For the parsing of your language, Parse::RecDescent is usually my go-to for things like this. If your language is not that complex, you may be able to get by with regexes or somesuch, but if you think it's likely to get more complex in the future, the investment into a stronger parser might be worthwhile.

As for accessing someone else's lexical variables in the way you describe, I'm not sure you can, at least not with pure Perl runtime. Have a look at perlguts for a little more information on what's going on behind the scenes. This can be a very dangerous road to go down that can open up many unforeseen consequences, such as what happens with tied variables, especially given the desired asynchronous behavior you've described.

It won't exactly be trivial, but writing a Perl source filter will probably be the most straightforward way to accomplish what you want to do.

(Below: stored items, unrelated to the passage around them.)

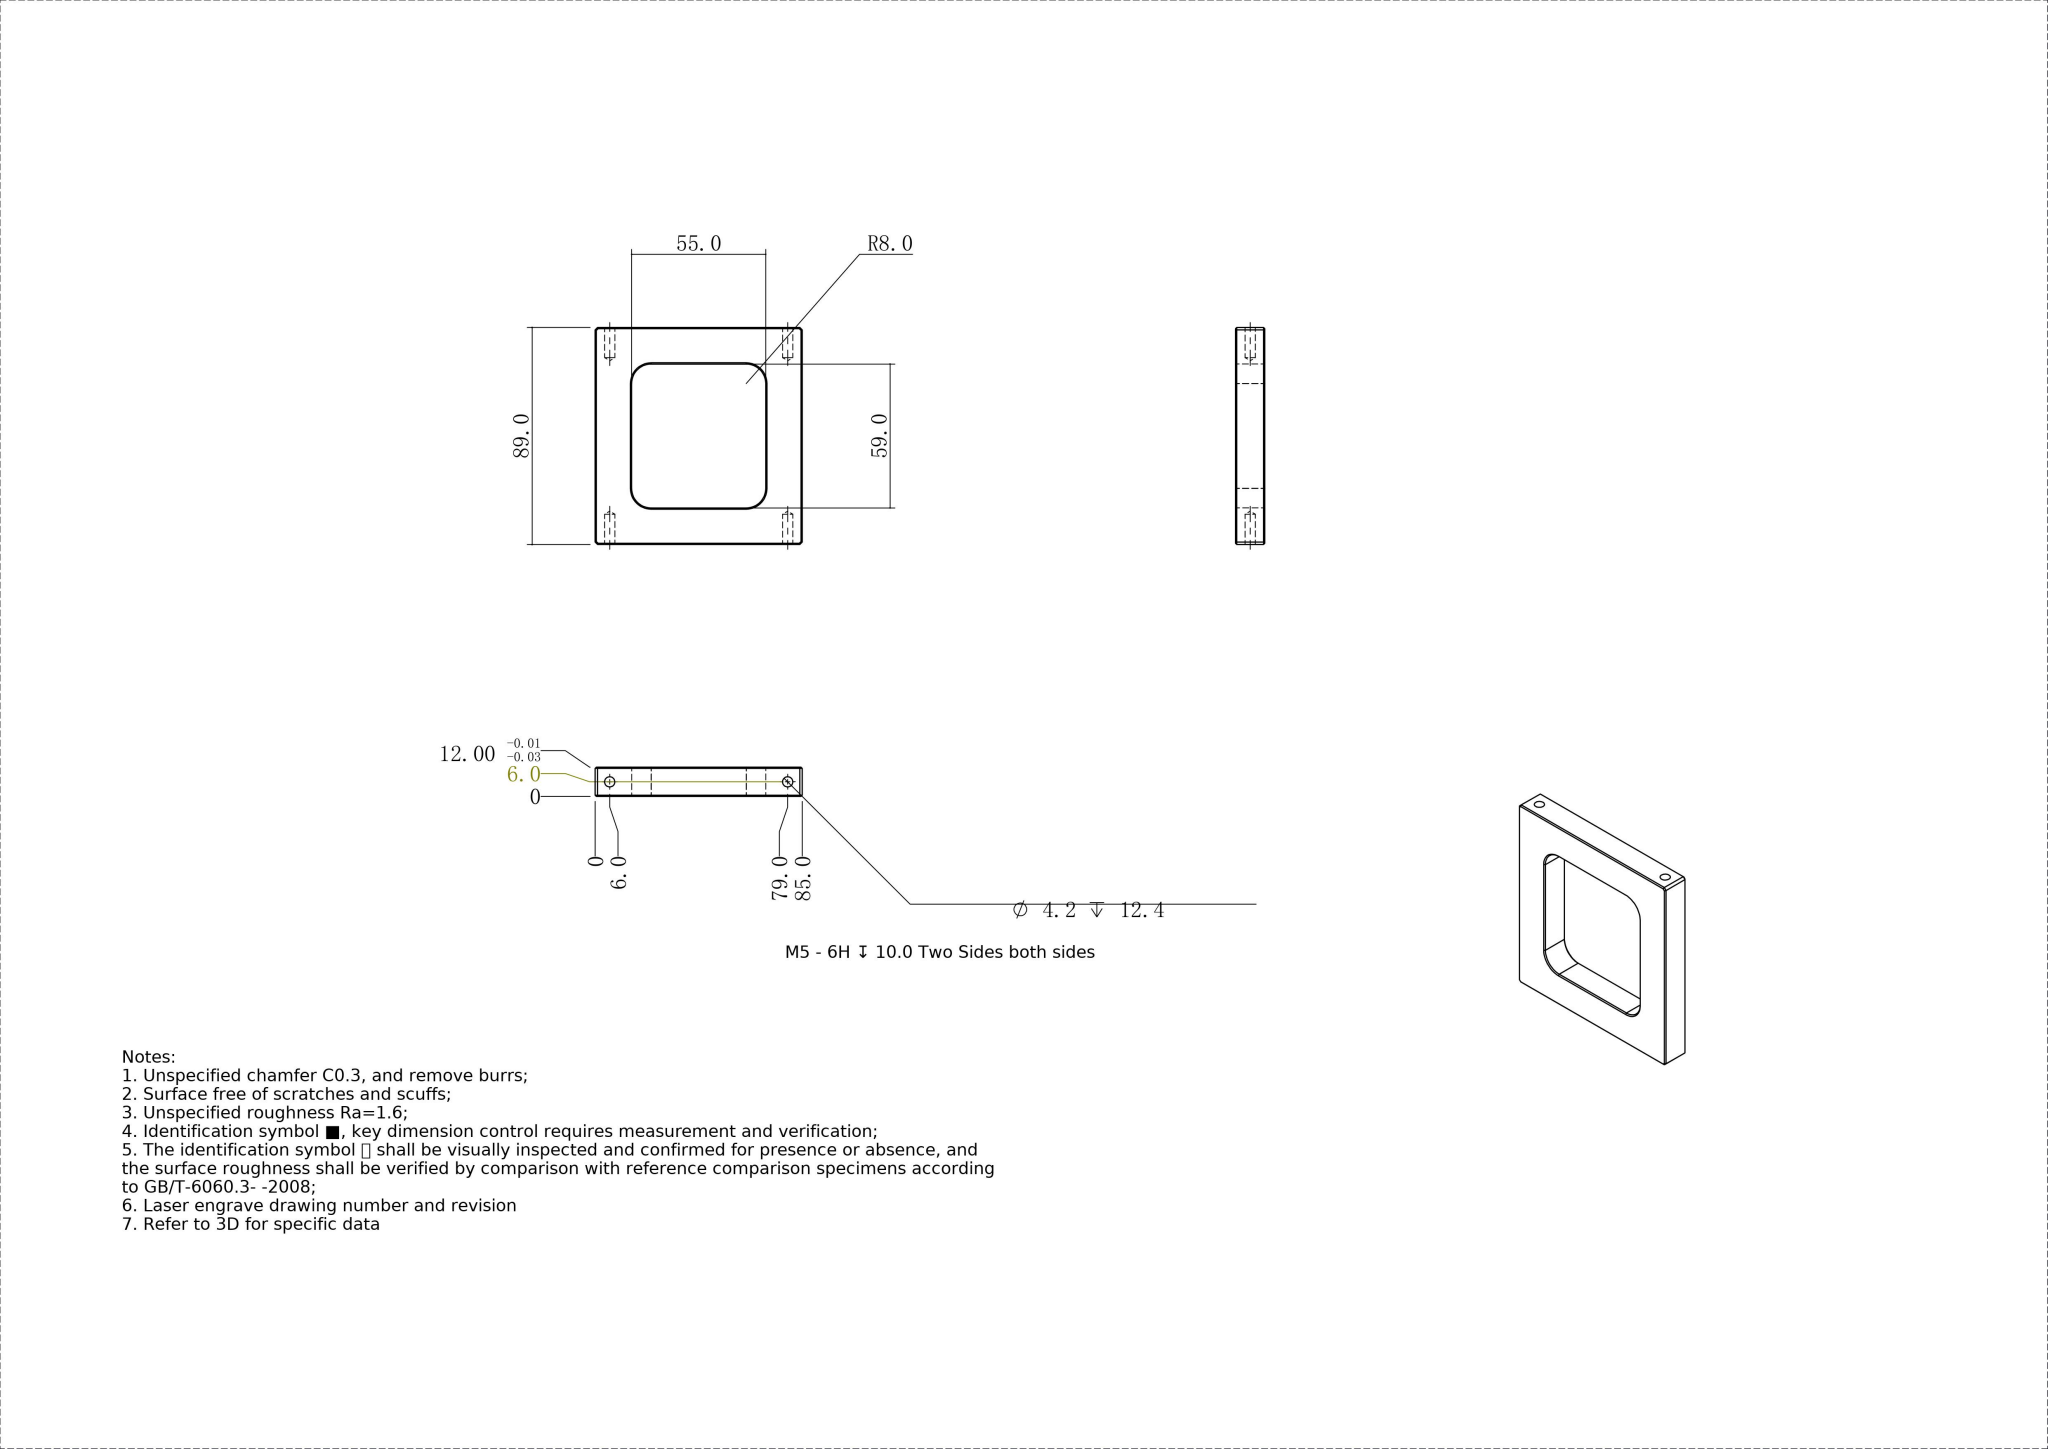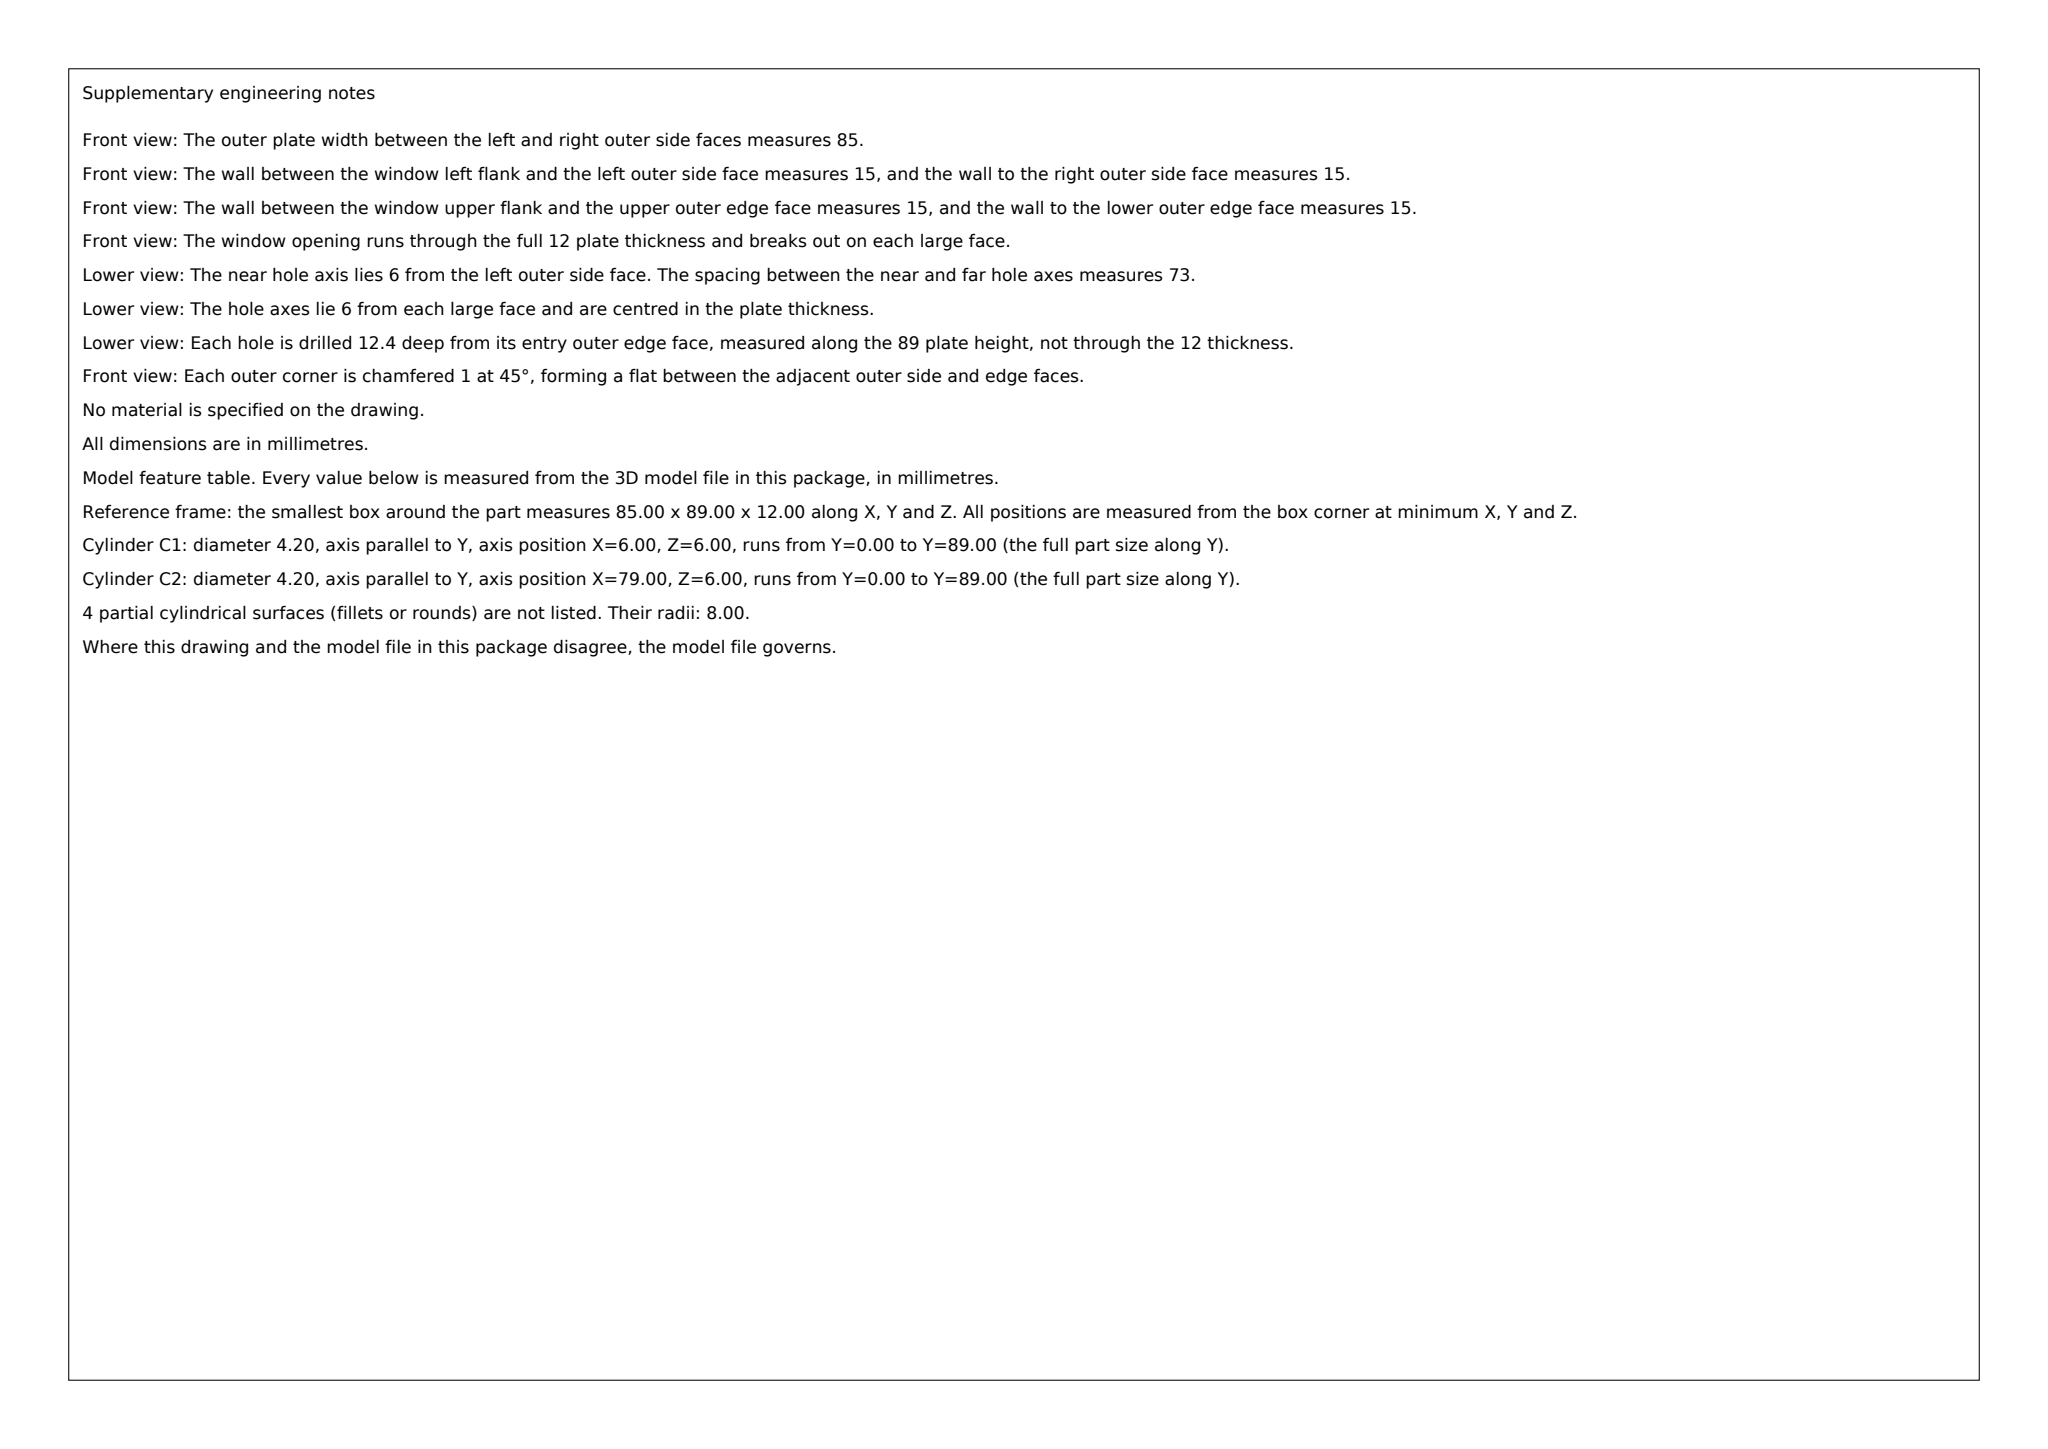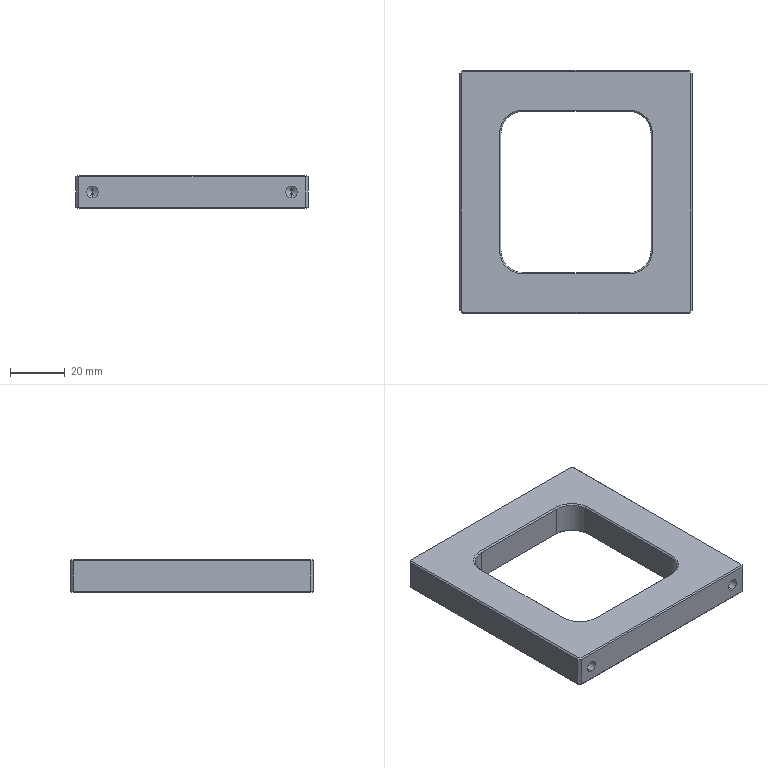Part | SolidWorks | mm | 1 solid | 66 faces | box 85 x 89 x 12 mm | volume 51625 mm3 | plane 38 | cone 16 | cylinder 12 | commonest cylinder face diameters 4.2 x8 16 x4
Drawing notes:
OVERALL 85.0 X 89.0 X 12.0 THK | from the solid: bbox_xyz [85.0, 89.0, 12.0]
POCKET 55.0 X 59.0 R8.0 DP 11.0 BLIND, FLOOR 1.0 | from the solid: R8 corner cyls dia16 axis Z len 11.0; walls x=15/70 (55), y=15/74 (59); bbox z=12.0
4X M5-6H DP 10.0, TAP DRILL Ø4.2 DP 12.4, X=6.0 & 79.0, Z=6.0 CL, TOP & BTM EDGES | from the solid: cyl dia4.2 axis Y at (x=6.0,z=6.0) & (x=79.0,z=6.0) len 12.4; 118° drill point cones ref dia 4.2
8X CSK Ø17.0 X 90° AT Ø4.2 ENTRIES, TOP & BTM EDGES | from the solid: cones[included_angle,ref_dia]=[90.0,17.0,8] at the Ø4.2 tap-drill entries, axis Y
build123d program:
from build123d import *

# Parameters (mm, degrees)
SKETCH1_W                  = 85
SKETCH1_H                  = 89
BOSS_EXTRUDE1_DEPTH        = 6
M5_TAPPED_HOLE1_AT_2_COUNT = 2
M5_TAPPED_HOLE1_AT_2_PITCH = 73
SKETCH4_W                  = 55
SKETCH4_H                  = 59
CUT_EXTRUDE1_DEPTH         = 36
FILLET1_R                  = 8
CHAMFER1_SIZE              = 1
CHAMFER2_SIZE              = 0.5


with BuildPart() as part:
    # Sketch1 → Boss-Extrude1 (new, symmetric)
    with BuildSketch(Plane.XY):
        Rectangle(SKETCH1_W, SKETCH1_H)
    extrude(amount=BOSS_EXTRUDE1_DEPTH, both=True)

    # Sketch3 → M5 Tapped Hole1 (revolve, cut)
    with BuildSketch(Plane(origin=(-36.5, 44.5, 0), x_dir=(0, 0, 1), z_dir=(1, 0, 0))):
        Polygon((0, 0), (0, 13.662), (2.1, 12.4), (2.1, 0), align=None)
    m5_tapped_hole1 = revolve(axis=Axis((-36.5, 50.85, 0), (0, -1, 0)), mode=Mode.SUBTRACT)

    # M5 Tapped Hole1 at 2: M5 Tapped Hole1 ×2
    with Locations(*[(i * M5_TAPPED_HOLE1_AT_2_PITCH, 0, 0) for i in range(1, M5_TAPPED_HOLE1_AT_2_COUNT)]):
        add(m5_tapped_hole1, mode=Mode.SUBTRACT)

    # Mirror1: M5 Tapped Hole1 across plane
    add(m5_tapped_hole1.mirror(Plane.ZX), mode=Mode.SUBTRACT)

    # Mirror1 copy 1 sketch → Mirror1 copy 1 (revolve, cut)
    with BuildSketch(Plane(origin=(36.5, -44.5, 0), x_dir=(0, 0, 1), z_dir=(1, 0, 0))):
        Polygon((0, 0), (0, -13.662), (2.1, -12.4), (2.1, 0), align=None)
    revolve(axis=Axis((36.5, -50.85, 0), (0, -1, 0)), mode=Mode.SUBTRACT)

    # Sketch4 → Cut-Extrude1 (cut)
    with BuildSketch(Plane(origin=(0, 0, -6), x_dir=(-1, 0, 0), z_dir=(0, 0, -1))):
        Rectangle(SKETCH4_W, SKETCH4_H)
    extrude(amount=-CUT_EXTRUDE1_DEPTH, mode=Mode.SUBTRACT)

    # Fillet1
    fillet1_edges = [part.edges().sort_by_distance(p)[0] for p in [
        (-27.5, 29.5, 0),
        (-27.5, -29.5, 0),
        (27.5, -29.5, 0),
        (27.5, 29.5, 0),
    ]]
    fillet(fillet1_edges, radius=FILLET1_R)

    # Chamfer1
    chamfer1_edges = [part.edges().sort_by_distance(p)[0] for p in [
        (42.5, -44.5, 0),
        (-42.5, -44.5, 0),
        (-42.5, 44.5, 0),
        (42.5, 44.5, 0),
    ]]
    chamfer(chamfer1_edges, length=CHAMFER1_SIZE)

    # Chamfer2
    chamfer2_edges = [part.edges().sort_by_distance(p)[0] for p in [
        (-42.5, 0, 6),
        (42.5, 0, -6),
        (0, -44.5, -6),
        (0, 44.5, -6),
        (42, -44, -6),
        (-42, -44, -6),
        (42, 44, -6),
        (-42, 44, -6),
        (0, 44.5, 6),
        (42.5, 0, 6),
        (0, -44.5, 6),
        (42, -44, 6),
        (-42, -44, 6),
        (42, 44, 6),
        (-42, 44, 6),
        (-27.5, 0, -6),
        (-27.5, 0, 6),
        (0, -29.5, -6),
        (0, -29.5, 6),
        (27.5, 0, -6),
        (27.5, 0, 6),
        (0, 29.5, -6),
        (0, 29.5, 6),
        (-25.157, -27.157, -6),
        (-25.157, -27.157, 6),
        (25.157, -27.157, -6),
        (25.157, -27.157, 6),
        (25.157, 27.157, -6),
        (25.157, 27.157, 6),
        (-25.157, 27.157, -6),
        (-25.157, 27.157, 6),
        (-42.5, 0, -6),
    ]]
    chamfer(chamfer2_edges, length=CHAMFER2_SIZE)


solid = part.part

If you've never worked with filters before, the link has some helpful examples, but the short version is that your custom filter would be given the text of the Perl source code you are running, upon which you can perform any text transformations you like, before Perl parses and compiles the source. So, you could conceivably detect and parse your "DBC" source from within the Perl source, and then convert it into those lower-level API calls you mentioned, before Perl sees it.

Handling the asynchronous dependencies (such as $value being fetched on line 123, and needed again on line 126), will probably require you to maintain some sort of dependency tree. I predict debugging will be fun!